There have been many significant developments in the digitization of manufacturing in the past few years. In many first world operations, the use of sensors and IoT devices has had a significant impact on improving visibility and streamlining operations across the supply chain.
Within Africa, the adoption of smart manufacturing technologies and solutions has been far slower. Many African countries are less digitalized than their middle- and high-income counterparts globally, with a technology gap in both access and use. However, there’s no escaping the increasing digitalization of the manufacturing sector. Embracing a digital-first mindset means that we must re-evaluate all our business processes.

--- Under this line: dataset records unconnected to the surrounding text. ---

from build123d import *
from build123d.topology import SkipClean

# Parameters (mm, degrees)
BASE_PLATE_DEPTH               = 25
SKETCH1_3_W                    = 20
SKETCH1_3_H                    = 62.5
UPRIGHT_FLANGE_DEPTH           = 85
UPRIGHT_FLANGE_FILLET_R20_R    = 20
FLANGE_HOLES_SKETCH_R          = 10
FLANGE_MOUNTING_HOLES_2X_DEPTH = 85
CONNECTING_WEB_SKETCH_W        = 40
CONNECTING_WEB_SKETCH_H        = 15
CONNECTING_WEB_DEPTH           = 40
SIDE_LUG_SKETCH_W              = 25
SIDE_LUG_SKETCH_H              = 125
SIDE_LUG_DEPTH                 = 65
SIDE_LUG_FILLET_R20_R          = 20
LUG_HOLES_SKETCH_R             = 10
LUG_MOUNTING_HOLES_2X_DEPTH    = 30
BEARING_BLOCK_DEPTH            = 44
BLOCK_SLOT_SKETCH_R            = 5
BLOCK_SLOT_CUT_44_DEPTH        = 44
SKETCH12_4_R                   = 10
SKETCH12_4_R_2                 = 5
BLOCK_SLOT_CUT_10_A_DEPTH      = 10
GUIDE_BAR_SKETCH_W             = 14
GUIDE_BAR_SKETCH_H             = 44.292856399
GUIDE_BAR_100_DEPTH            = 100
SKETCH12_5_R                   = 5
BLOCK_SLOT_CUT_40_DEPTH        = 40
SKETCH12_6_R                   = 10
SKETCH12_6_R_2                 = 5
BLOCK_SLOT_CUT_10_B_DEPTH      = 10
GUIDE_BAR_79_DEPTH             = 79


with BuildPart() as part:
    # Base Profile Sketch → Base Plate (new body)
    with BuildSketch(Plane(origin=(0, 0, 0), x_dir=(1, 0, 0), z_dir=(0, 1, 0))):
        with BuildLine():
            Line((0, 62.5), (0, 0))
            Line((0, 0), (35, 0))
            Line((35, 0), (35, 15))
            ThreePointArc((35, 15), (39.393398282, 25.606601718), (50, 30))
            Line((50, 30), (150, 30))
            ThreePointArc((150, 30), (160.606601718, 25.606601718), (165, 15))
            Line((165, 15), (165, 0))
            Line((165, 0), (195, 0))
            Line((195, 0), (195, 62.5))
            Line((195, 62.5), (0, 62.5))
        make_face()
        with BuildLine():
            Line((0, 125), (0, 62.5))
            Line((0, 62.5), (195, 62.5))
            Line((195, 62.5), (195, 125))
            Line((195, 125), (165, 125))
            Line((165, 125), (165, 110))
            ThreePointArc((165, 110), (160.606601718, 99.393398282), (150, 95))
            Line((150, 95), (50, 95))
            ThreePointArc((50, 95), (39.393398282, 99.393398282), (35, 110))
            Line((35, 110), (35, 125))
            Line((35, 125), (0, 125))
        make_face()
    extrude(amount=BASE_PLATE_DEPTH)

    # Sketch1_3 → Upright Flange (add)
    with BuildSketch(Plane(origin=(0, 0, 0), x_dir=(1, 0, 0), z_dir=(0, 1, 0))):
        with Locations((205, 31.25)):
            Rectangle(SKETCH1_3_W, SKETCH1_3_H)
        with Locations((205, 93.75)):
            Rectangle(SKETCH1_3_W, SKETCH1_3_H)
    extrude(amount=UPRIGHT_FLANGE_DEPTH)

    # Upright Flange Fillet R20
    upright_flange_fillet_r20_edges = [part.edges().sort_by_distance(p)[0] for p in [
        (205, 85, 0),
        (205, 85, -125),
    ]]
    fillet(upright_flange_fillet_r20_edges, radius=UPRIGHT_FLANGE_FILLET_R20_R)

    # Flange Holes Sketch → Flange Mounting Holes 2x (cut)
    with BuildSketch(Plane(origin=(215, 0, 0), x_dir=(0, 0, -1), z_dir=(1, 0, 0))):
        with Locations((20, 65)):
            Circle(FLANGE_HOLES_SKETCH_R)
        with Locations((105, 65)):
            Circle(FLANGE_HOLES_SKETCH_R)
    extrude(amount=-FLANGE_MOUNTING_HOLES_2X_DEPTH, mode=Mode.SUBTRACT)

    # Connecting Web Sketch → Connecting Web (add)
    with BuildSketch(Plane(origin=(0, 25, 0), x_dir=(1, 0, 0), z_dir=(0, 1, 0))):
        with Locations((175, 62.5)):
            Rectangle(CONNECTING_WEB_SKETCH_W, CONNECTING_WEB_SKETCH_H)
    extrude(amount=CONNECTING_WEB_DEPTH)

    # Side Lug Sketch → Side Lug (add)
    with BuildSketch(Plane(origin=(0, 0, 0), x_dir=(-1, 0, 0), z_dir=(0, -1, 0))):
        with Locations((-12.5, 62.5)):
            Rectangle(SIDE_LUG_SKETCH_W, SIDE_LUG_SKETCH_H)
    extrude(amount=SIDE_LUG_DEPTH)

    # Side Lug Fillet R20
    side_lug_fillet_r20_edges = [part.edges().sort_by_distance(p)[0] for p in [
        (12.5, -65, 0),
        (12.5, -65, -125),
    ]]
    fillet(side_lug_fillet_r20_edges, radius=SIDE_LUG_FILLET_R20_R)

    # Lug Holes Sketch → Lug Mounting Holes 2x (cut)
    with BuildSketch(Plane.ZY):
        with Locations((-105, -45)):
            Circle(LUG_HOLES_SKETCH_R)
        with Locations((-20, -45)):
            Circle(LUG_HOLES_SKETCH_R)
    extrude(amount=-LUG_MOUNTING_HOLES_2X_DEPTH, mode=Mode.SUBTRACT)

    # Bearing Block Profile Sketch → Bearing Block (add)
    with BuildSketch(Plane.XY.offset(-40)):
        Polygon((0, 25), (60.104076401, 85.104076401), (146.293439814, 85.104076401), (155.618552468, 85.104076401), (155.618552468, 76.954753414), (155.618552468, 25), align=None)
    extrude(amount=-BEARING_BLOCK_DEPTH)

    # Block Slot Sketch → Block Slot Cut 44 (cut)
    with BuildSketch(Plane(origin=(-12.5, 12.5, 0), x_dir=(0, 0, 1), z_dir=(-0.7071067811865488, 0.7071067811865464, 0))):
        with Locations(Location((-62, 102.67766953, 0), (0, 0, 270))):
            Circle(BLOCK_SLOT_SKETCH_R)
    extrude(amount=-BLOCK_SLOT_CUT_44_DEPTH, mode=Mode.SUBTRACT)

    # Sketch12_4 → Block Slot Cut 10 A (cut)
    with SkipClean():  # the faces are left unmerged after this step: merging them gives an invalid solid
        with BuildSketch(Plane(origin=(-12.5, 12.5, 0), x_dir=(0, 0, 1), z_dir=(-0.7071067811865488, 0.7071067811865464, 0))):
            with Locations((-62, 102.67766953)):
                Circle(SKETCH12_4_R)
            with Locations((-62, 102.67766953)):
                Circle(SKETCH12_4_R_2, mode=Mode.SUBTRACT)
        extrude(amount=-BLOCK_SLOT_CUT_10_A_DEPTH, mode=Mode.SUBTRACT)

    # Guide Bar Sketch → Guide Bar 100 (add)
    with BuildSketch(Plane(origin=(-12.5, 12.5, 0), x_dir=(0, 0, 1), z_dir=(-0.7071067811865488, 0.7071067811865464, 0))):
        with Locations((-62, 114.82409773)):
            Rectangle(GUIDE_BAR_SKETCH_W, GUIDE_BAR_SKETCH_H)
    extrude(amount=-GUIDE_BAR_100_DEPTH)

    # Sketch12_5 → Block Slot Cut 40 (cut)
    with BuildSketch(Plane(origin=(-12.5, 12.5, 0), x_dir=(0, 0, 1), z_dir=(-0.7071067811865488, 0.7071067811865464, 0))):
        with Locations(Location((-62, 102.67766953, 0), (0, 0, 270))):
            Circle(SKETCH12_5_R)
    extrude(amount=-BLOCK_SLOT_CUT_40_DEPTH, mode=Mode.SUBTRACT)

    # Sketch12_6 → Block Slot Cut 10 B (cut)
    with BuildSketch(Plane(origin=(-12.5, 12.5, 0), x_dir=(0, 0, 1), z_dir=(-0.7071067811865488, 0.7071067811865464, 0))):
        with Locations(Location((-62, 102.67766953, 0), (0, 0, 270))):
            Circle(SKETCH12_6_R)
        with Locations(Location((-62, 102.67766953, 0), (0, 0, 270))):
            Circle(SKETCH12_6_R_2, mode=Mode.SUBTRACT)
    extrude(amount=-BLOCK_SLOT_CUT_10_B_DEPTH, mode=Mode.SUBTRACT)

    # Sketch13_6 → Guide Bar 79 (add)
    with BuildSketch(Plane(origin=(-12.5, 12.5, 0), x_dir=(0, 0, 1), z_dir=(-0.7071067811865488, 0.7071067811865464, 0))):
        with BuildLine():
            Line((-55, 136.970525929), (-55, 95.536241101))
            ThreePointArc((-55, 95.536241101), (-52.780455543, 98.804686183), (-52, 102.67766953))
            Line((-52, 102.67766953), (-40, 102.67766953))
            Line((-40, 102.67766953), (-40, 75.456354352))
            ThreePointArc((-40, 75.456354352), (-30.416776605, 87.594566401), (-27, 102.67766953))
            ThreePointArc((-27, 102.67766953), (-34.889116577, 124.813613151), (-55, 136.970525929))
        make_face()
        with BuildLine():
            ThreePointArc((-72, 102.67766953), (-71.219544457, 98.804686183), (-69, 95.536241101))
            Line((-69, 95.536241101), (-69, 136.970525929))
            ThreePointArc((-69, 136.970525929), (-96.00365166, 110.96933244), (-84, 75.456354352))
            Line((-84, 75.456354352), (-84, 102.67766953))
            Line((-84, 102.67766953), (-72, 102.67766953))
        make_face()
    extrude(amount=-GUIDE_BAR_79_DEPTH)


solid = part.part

Most ERPs still work the same way they did 20 years ago, but technologies like artificial intelligence (AI) and the industrial Internet of Things (IIoT) are changing the parameters of what can be achieved and ushering in a new era of connectedness, collaboration and innovation. This means greater digital dexterity as we use data to gain and maintain a competitive edge, both locally, inter-continentally and globally.
Robotic Process Automation
Robotic Process Automation (RPA) automates rules-based operations to deal with routine administrative tasks and expedite process completion with speed and accuracy, freeing up human capacity to focus on innovation. The use of industrial robots in manufacturing automation is nothing new, but the challenge for manufacturers has been to align back-office processes with the factory floor. RPA software is capable of handling high-volume, repetitive tasks, transferring data across systems, queries, calculations and record maintenance. In doing so, RPA can help manufacturers to focus more on product innovation and core strengths instead of day-to-day repetitive tasks that are critical but mundane in nature. Automation of processes such as inventory management, regulatory compliance and invoice verification helps organizations focus more on improving quality and growth.
Artificial Intelligence
With so much data being produced daily by industrial IoT and smart factories, manufacturers are increasingly turning to AI solutions to better analyze data and make decisions. AI truly has ushered in a new era of connectedness, collaboration and innovation for manufacturers. There are several key benefits to employing AI in manufacturing, including more accurate demand forecasting and less material waste. AI goes hand-in-hand with machine learning and autonomous manufacturing processes, while augmenting supply chain processes with AI can significantly streamline supply chain management.
Big Data and Analytics
It’s been said before, but it bears repeating – without meaningful intelligence generated from proper analytics, data is largely useless. Explosive growth in the volume and different types of data throughout manufacturing and the supply chain means that manufacturers must invest in technology that can intelligently and rapidly analyze data to extract valuable and actionable business insights. Manufacturers need to leverage advanced analytics that allow them to engage in more data-driven decisions around sourcing, production, fulfilment, cost reduction, and other focus areas.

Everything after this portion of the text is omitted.